Ran Shimanouchi


pdf bib
Utilizing Semantic Equivalence Classes of Japanese Functional Expressions in Translation Rule Acquisition from Parallel Patent Sentences
Taiji Nagasaka | Ran Shimanouchi | Akiko Sakamoto | Takafumi Suzuki | Yohei Morishita | Takehito Utsuro | Suguru Matsuyoshi
Proceedings of the Seventh International Conference on Language Resources and Evaluation (LREC'10)
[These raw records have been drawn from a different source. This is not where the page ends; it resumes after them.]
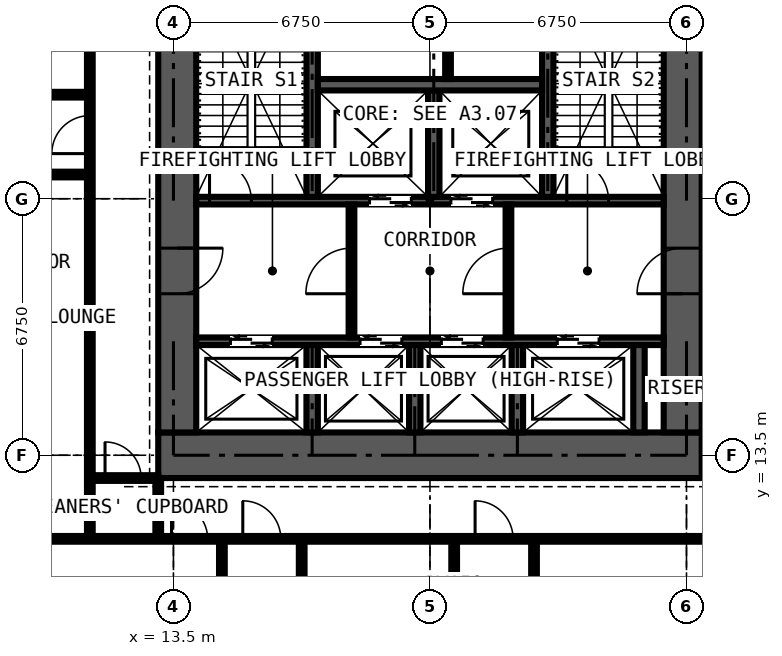
"""IFC4 building model, lengths in metres.
Left out: names, types, materials, properties, quantities, classifications, styles, units other than length and angle.
Written with IfcOpenShell. Run it as: python <this file> out.ifc"""

import sys

from ifc_helpers import new_model, si_unit, direction, frame, frame_2d, origin, place, context, subcontext, project, spatial, rectangle, extrude, element, fill, save


model = new_model("IFC4")
c1 = context("Model", 3, precision=1e-05, world=origin(), true_north=direction((0.0, 1.0)))
c2 = subcontext(c1, "Body", "Model", "MODEL_VIEW")
j1 = project(units=[si_unit("LENGTHUNIT", "METRE"), si_unit("PLANEANGLEUNIT", "RADIAN")], contexts=[c1])
p1 = place(None, origin())
s1 = spatial("IfcSite", under=j1, at=p1, CompositionType="ELEMENT")
p2 = place(p1, origin())
s2 = spatial("IfcBuilding", under=s1, at=p2, CompositionType="ELEMENT")
p3 = place(p2, frame((0.0, 0.0, 160.2)))
s3 = spatial("IfcBuildingStorey", under=s2, at=p3, CompositionType="ELEMENT", Elevation=160.2)
p4 = place(p3, frame((13.1, 13.5, 0.0), z_axis=(0.0, 0.0, 1.0), x_axis=(1.0, 0.0, 0.0)))
e1 = element("IfcWall", 1, at=p4, inside=s3, PredefinedType="SHEAR", context=c2, shape_type="SweptSolid", body=[
    extrude(rectangle(XDim=14.3, YDim=1.2, at=frame_2d((7.15, 0.0))), origin(), (0.0, 0.0, 1.0), 3.6),
])
p5 = place(p3, frame((26.9, 14.1, 0.0), z_axis=(0.0, 0.0, 1.0), x_axis=(0.0, 1.0, 0.0)))
e2 = element("IfcWall", 2, at=p5, inside=s3, PredefinedType="SHEAR", context=c2, shape_type="SweptSolid", body=[
    extrude(rectangle(XDim=12.3, YDim=1.0, at=frame_2d((6.15, 0.0))), origin(), (0.0, 0.0, 1.0), 3.6),
])
p6 = place(p5, frame((3.65, 0.0, 0.0)))
e3 = element("IfcOpeningElement", 3, at=p6, cuts=e2, PredefinedType="OPENING", context=c2, shape_type="SweptSolid", body=[
    extrude(rectangle(XDim=1.2, YDim=2.2, at=frame_2d((0.6, 1.1))), frame((0.0, 0.51, 0.0), z_axis=(0.0, -1.0, 0.0), x_axis=(1.0, 0.0, 0.0)), (0.0, 0.0, 1.0), 1.02),
])
p7 = place(p3, frame((13.6, 26.4, 0.0), z_axis=(0.0, 0.0, 1.0), x_axis=(0.0, -1.0, 0.0)))
e4 = element("IfcWall", 4, at=p7, inside=s3, PredefinedType="SHEAR", context=c2, shape_type="SweptSolid", body=[
    extrude(rectangle(XDim=12.3, YDim=1.0, at=frame_2d((6.15, 0.0))), origin(), (0.0, 0.0, 1.0), 3.6),
])
p8 = place(p7, frame((7.45, 0.0, 0.0)))
e5 = element("IfcOpeningElement", 5, at=p8, cuts=e4, PredefinedType="OPENING", context=c2, shape_type="SweptSolid", body=[
    extrude(rectangle(XDim=1.2, YDim=2.2, at=frame_2d((0.6, 1.1))), frame((0.0, 0.51, 0.0), z_axis=(0.0, -1.0, 0.0), x_axis=(1.0, 0.0, 0.0)), (0.0, 0.0, 1.0), 1.02),
])
p9 = place(p3, frame((14.1, 16.5, 0.0), z_axis=(0.0, 0.0, 1.0), x_axis=(1.0, 0.0, 0.0)))
e6 = element("IfcWall", 6, at=p9, inside=s3, PredefinedType="SHEAR", context=c2, shape_type="SweptSolid", body=[
    extrude(rectangle(XDim=12.3, YDim=0.2, at=frame_2d((6.15, 0.0))), origin(), (0.0, 0.0, 1.0), 3.6),
])
p10 = place(p9, frame((0.9, 0.0, 0.0)))
e7 = element("IfcOpeningElement", 7, at=p10, cuts=e6, PredefinedType="OPENING", context=c2, shape_type="SweptSolid", body=[
    extrude(rectangle(XDim=1.1, YDim=2.2, at=frame_2d((0.55, 1.1))), frame((0.0, 0.11, 0.0), z_axis=(0.0, -1.0, 0.0), x_axis=(1.0, 0.0, 0.0)), (0.0, 0.0, 1.0), 0.22),
])
p11 = place(p9, frame((4.31, 0.0, 0.0)))
e8 = element("IfcOpeningElement", 8, at=p11, cuts=e6, PredefinedType="OPENING", context=c2, shape_type="SweptSolid", body=[
    extrude(rectangle(XDim=1.1, YDim=2.2, at=frame_2d((0.55, 1.1))), frame((0.0, 0.11, 0.0), z_axis=(0.0, -1.0, 0.0), x_axis=(1.0, 0.0, 0.0)), (0.0, 0.0, 1.0), 0.22),
])
p12 = place(p9, frame((6.45, 0.0, 0.0)))
e9 = element("IfcOpeningElement", 9, at=p12, cuts=e6, PredefinedType="OPENING", context=c2, shape_type="SweptSolid", body=[
    extrude(rectangle(XDim=1.1, YDim=2.2, at=frame_2d((0.55, 1.1))), frame((0.0, 0.11, 0.0), z_axis=(0.0, -1.0, 0.0), x_axis=(1.0, 0.0, 0.0)), (0.0, 0.0, 1.0), 0.22),
])
p13 = place(p9, frame((9.5, 0.0, 0.0)))
e10 = element("IfcOpeningElement", 10, at=p13, cuts=e6, PredefinedType="OPENING", context=c2, shape_type="SweptSolid", body=[
    extrude(rectangle(XDim=1.1, YDim=2.2, at=frame_2d((0.55, 1.1))), frame((0.0, 0.11, 0.0), z_axis=(0.0, -1.0, 0.0), x_axis=(1.0, 0.0, 0.0)), (0.0, 0.0, 1.0), 0.22),
])
p14 = place(p3, frame((14.1, 20.2, 0.0), z_axis=(0.0, 0.0, 1.0), x_axis=(1.0, 0.0, 0.0)))
e11 = element("IfcWall", 11, at=p14, inside=s3, PredefinedType="SHEAR", context=c2, shape_type="SweptSolid", body=[
    extrude(rectangle(XDim=12.3, YDim=0.2, at=frame_2d((6.15, 0.0))), origin(), (0.0, 0.0, 1.0), 3.6),
])
p15 = place(p14, frame((4.56, 0.0, 0.0)))
e12 = element("IfcOpeningElement", 12, at=p15, cuts=e11, PredefinedType="OPENING", context=c2, shape_type="SweptSolid", body=[
    extrude(rectangle(XDim=1.1, YDim=2.2, at=frame_2d((0.55, 1.1))), frame((0.0, 0.11, 0.0), z_axis=(0.0, -1.0, 0.0), x_axis=(1.0, 0.0, 0.0)), (0.0, 0.0, 1.0), 0.22),
])
p16 = place(p14, frame((6.7, 0.0, 0.0)))
e13 = element("IfcOpeningElement", 13, at=p16, cuts=e11, PredefinedType="OPENING", context=c2, shape_type="SweptSolid", body=[
    extrude(rectangle(XDim=1.1, YDim=2.2, at=frame_2d((0.55, 1.1))), frame((0.0, 0.11, 0.0), z_axis=(0.0, -1.0, 0.0), x_axis=(1.0, 0.0, 0.0)), (0.0, 0.0, 1.0), 0.22),
])
p17 = place(p14, frame((0.35, 0.0, 0.0)))
e14 = element("IfcOpeningElement", 14, at=p17, cuts=e11, PredefinedType="OPENING", context=c2, shape_type="SweptSolid", body=[
    extrude(rectangle(XDim=1.1, YDim=2.2, at=frame_2d((0.55, 1.1))), frame((0.0, 0.11, 0.0), z_axis=(0.0, -1.0, 0.0), x_axis=(1.0, 0.0, 0.0)), (0.0, 0.0, 1.0), 0.22),
])
p18 = place(p14, frame((9.75, 0.0, 0.0)))
e15 = element("IfcOpeningElement", 15, at=p18, cuts=e11, PredefinedType="OPENING", context=c2, shape_type="SweptSolid", body=[
    extrude(rectangle(XDim=1.1, YDim=2.2, at=frame_2d((0.55, 1.1))), frame((0.0, 0.11, 0.0), z_axis=(0.0, -1.0, 0.0), x_axis=(1.0, 0.0, 0.0)), (0.0, 0.0, 1.0), 0.22),
])
for number, where, z_axis, x_axis in (
    (16, (17.15, 20.3, 0.0), (0.0, 0.0, 1.0), (0.0, 1.0, 0.0)),
    (17, (23.35, 20.3, 0.0), (0.0, 0.0, 1.0), (0.0, 1.0, 0.0)),
):
    element("IfcWall", number, at=place(p3, frame(where, z_axis=z_axis, x_axis=x_axis)), inside=s3, PredefinedType="SHEAR", context=c2, shape_type="SweptSolid", body=[
        extrude(rectangle(XDim=6.1, YDim=0.3, at=frame_2d((3.05, 0.0))), origin(), (0.0, 0.0, 1.0), 3.6),
    ])
p19 = place(p3, frame((20.35, 20.3, 0.0), z_axis=(0.0, 0.0, 1.0), x_axis=(0.0, 1.0, 0.0)))
e18 = element("IfcWall", 18, at=p19, inside=s3, PredefinedType="SHEAR", context=c2, shape_type="SweptSolid", body=[
    extrude(rectangle(XDim=2.8, YDim=0.3, at=frame_2d((1.4, 0.0))), origin(), (0.0, 0.0, 1.0), 3.6),
])
p20 = place(p3, frame((17.3, 23.25, 0.0), z_axis=(0.0, 0.0, 1.0), x_axis=(1.0, 0.0, 0.0)))
e19 = element("IfcWall", 19, at=p20, inside=s3, PredefinedType="SHEAR", context=c2, shape_type="SweptSolid", body=[
    extrude(rectangle(XDim=5.9, YDim=0.3, at=frame_2d((2.95, 0.0))), origin(), (0.0, 0.0, 1.0), 3.6),
])
for number, where, z_axis, x_axis in (
    (20, (17.15, 14.1, 0.0), (0.0, 0.0, 1.0), (0.0, 1.0, 0.0)),
    (21, (19.85, 14.1, 0.0), (0.0, 0.0, 1.0), (0.0, 1.0, 0.0)),
    (22, (22.55, 14.1, 0.0), (0.0, 0.0, 1.0), (0.0, 1.0, 0.0)),
    (23, (25.75, 14.1, 0.0), (0.0, 0.0, 1.0), (0.0, 1.0, 0.0)),
):
    element("IfcWall", number, at=place(p3, frame(where, z_axis=z_axis, x_axis=x_axis)), inside=s3, PredefinedType="SHEAR", context=c2, shape_type="SweptSolid", body=[
        extrude(rectangle(XDim=2.3, YDim=0.3, at=frame_2d((1.15, 0.0))), origin(), (0.0, 0.0, 1.0), 3.6),
    ])
p21 = place(p3, frame((18.185, 16.6, 0.0), z_axis=(0.0, 0.0, 1.0), x_axis=(0.0, 1.0, 0.0)))
e24 = element("IfcWall", 24, at=p21, inside=s3, PredefinedType="PARTITIONING", context=c2, shape_type="SweptSolid", body=[
    extrude(rectangle(XDim=3.5, YDim=0.15, at=frame_2d((1.75, 0.0))), origin(), (0.0, 0.0, 1.0), 3.375),
])
p22 = place(p21, frame((1.15, 0.0, 0.0)))
e25 = element("IfcOpeningElement", 25, at=p22, cuts=e24, PredefinedType="OPENING", context=c2, shape_type="SweptSolid", body=[
    extrude(rectangle(XDim=1.2, YDim=2.2, at=frame_2d((0.6, 1.1))), frame((0.0, 0.085, 0.0), z_axis=(0.0, -1.0, 0.0), x_axis=(1.0, 0.0, 0.0)), (0.0, 0.0, 1.0), 0.17),
])
p23 = place(p3, frame((22.315, 16.6, 0.0), z_axis=(0.0, 0.0, 1.0), x_axis=(0.0, 1.0, 0.0)))
e26 = element("IfcWall", 26, at=p23, inside=s3, PredefinedType="PARTITIONING", context=c2, shape_type="SweptSolid", body=[
    extrude(rectangle(XDim=3.5, YDim=0.15, at=frame_2d((1.75, 0.0))), origin(), (0.0, 0.0, 1.0), 3.375),
])
p24 = place(p23, frame((1.15, 0.0, 0.0)))
e27 = element("IfcOpeningElement", 27, at=p24, cuts=e26, PredefinedType="OPENING", context=c2, shape_type="SweptSolid", body=[
    extrude(rectangle(XDim=1.2, YDim=2.2, at=frame_2d((0.6, 1.1))), frame((0.0, 0.085, 0.0), z_axis=(0.0, -1.0, 0.0), x_axis=(1.0, 0.0, 0.0)), (0.0, 0.0, 1.0), 0.17),
])
p25 = place(p3, frame((20.725, 23.4, 0.0), z_axis=(0.0, 0.0, 1.0), x_axis=(0.0, 1.0, 0.0)))
e28 = element("IfcWall", 28, at=p25, inside=s3, PredefinedType="PARTITIONING", context=c2, shape_type="SweptSolid", body=[
    extrude(rectangle(XDim=3.0, YDim=0.15, at=frame_2d((1.5, 0.0))), origin(), (0.0, 0.0, 1.0), 3.375),
])
p26 = place(p3, frame((5.65, 20.887, 0.0), z_axis=(0.0, 0.0, 1.0), x_axis=(1.0, 0.0, 0.0)))
e29 = element("IfcWall", 29, at=p26, inside=s3, PredefinedType="PARTITIONING", context=c2, shape_type="SweptSolid", body=[
    extrude(rectangle(XDim=5.65, YDim=0.15, at=frame_2d((2.825, 0.0))), origin(), (0.0, 0.0, 1.0), 3.375),
])
p27 = place(p3, frame((5.65, 22.988, 0.0), z_axis=(0.0, 0.0, 1.0), x_axis=(1.0, 0.0, 0.0)))
e30 = element("IfcWall", 30, at=p27, inside=s3, PredefinedType="PARTITIONING", context=c2, shape_type="SweptSolid", body=[
    extrude(rectangle(XDim=5.65, YDim=0.15, at=frame_2d((2.825, 0.0))), origin(), (0.0, 0.0, 1.0), 3.375),
])
p28 = place(p27, frame((2.35, 0.0, 0.0)))
e31 = element("IfcOpeningElement", 31, at=p28, cuts=e30, PredefinedType="OPENING", context=c2, shape_type="SweptSolid", body=[
    extrude(rectangle(XDim=0.95, YDim=2.2, at=frame_2d((0.475, 1.1))), frame((0.0, 0.085, 0.0), z_axis=(0.0, -1.0, 0.0), x_axis=(1.0, 0.0, 0.0)), (0.0, 0.0, 1.0), 0.17),
])
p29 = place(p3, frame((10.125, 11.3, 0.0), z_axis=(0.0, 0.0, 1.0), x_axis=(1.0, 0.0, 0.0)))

In the ``Sandglass'' MT architecture, we identify the class of monosemous Japanese functional expressions and utilize it in the task of translating Japanese functional expressions into English. We employ the semantic equivalence classes of a recently compiled large scale hierarchical lexicon of Japanese functional expressions. We then study whether functional expressions within a class can be translated into a single canonical English expression. Based on the results of identifying monosemous semantic equivalence classes, this paper studies how to extract rules for translating functional expressions in Japanese patent documents into English. In this study, we use about 1.8M Japanese-English parallel sentences automatically extracted from Japanese-English patent families, which are distributed through the Patent Translation Task at the NTCIR-7 Workshop. Then, as a toolkit of a phrase-based SMT (Statistical Machine Translation) model, Moses is applied and Japanese-English translation pairs are obtained in the form of a phrase translation table. Finally, we extract translation pairs of Japanese functional expressions from the phrase translation table. Through this study, we found that most of the semantic equivalence classes judged as monosemous based on manual translation into English have only one translation rules even in the patent domain.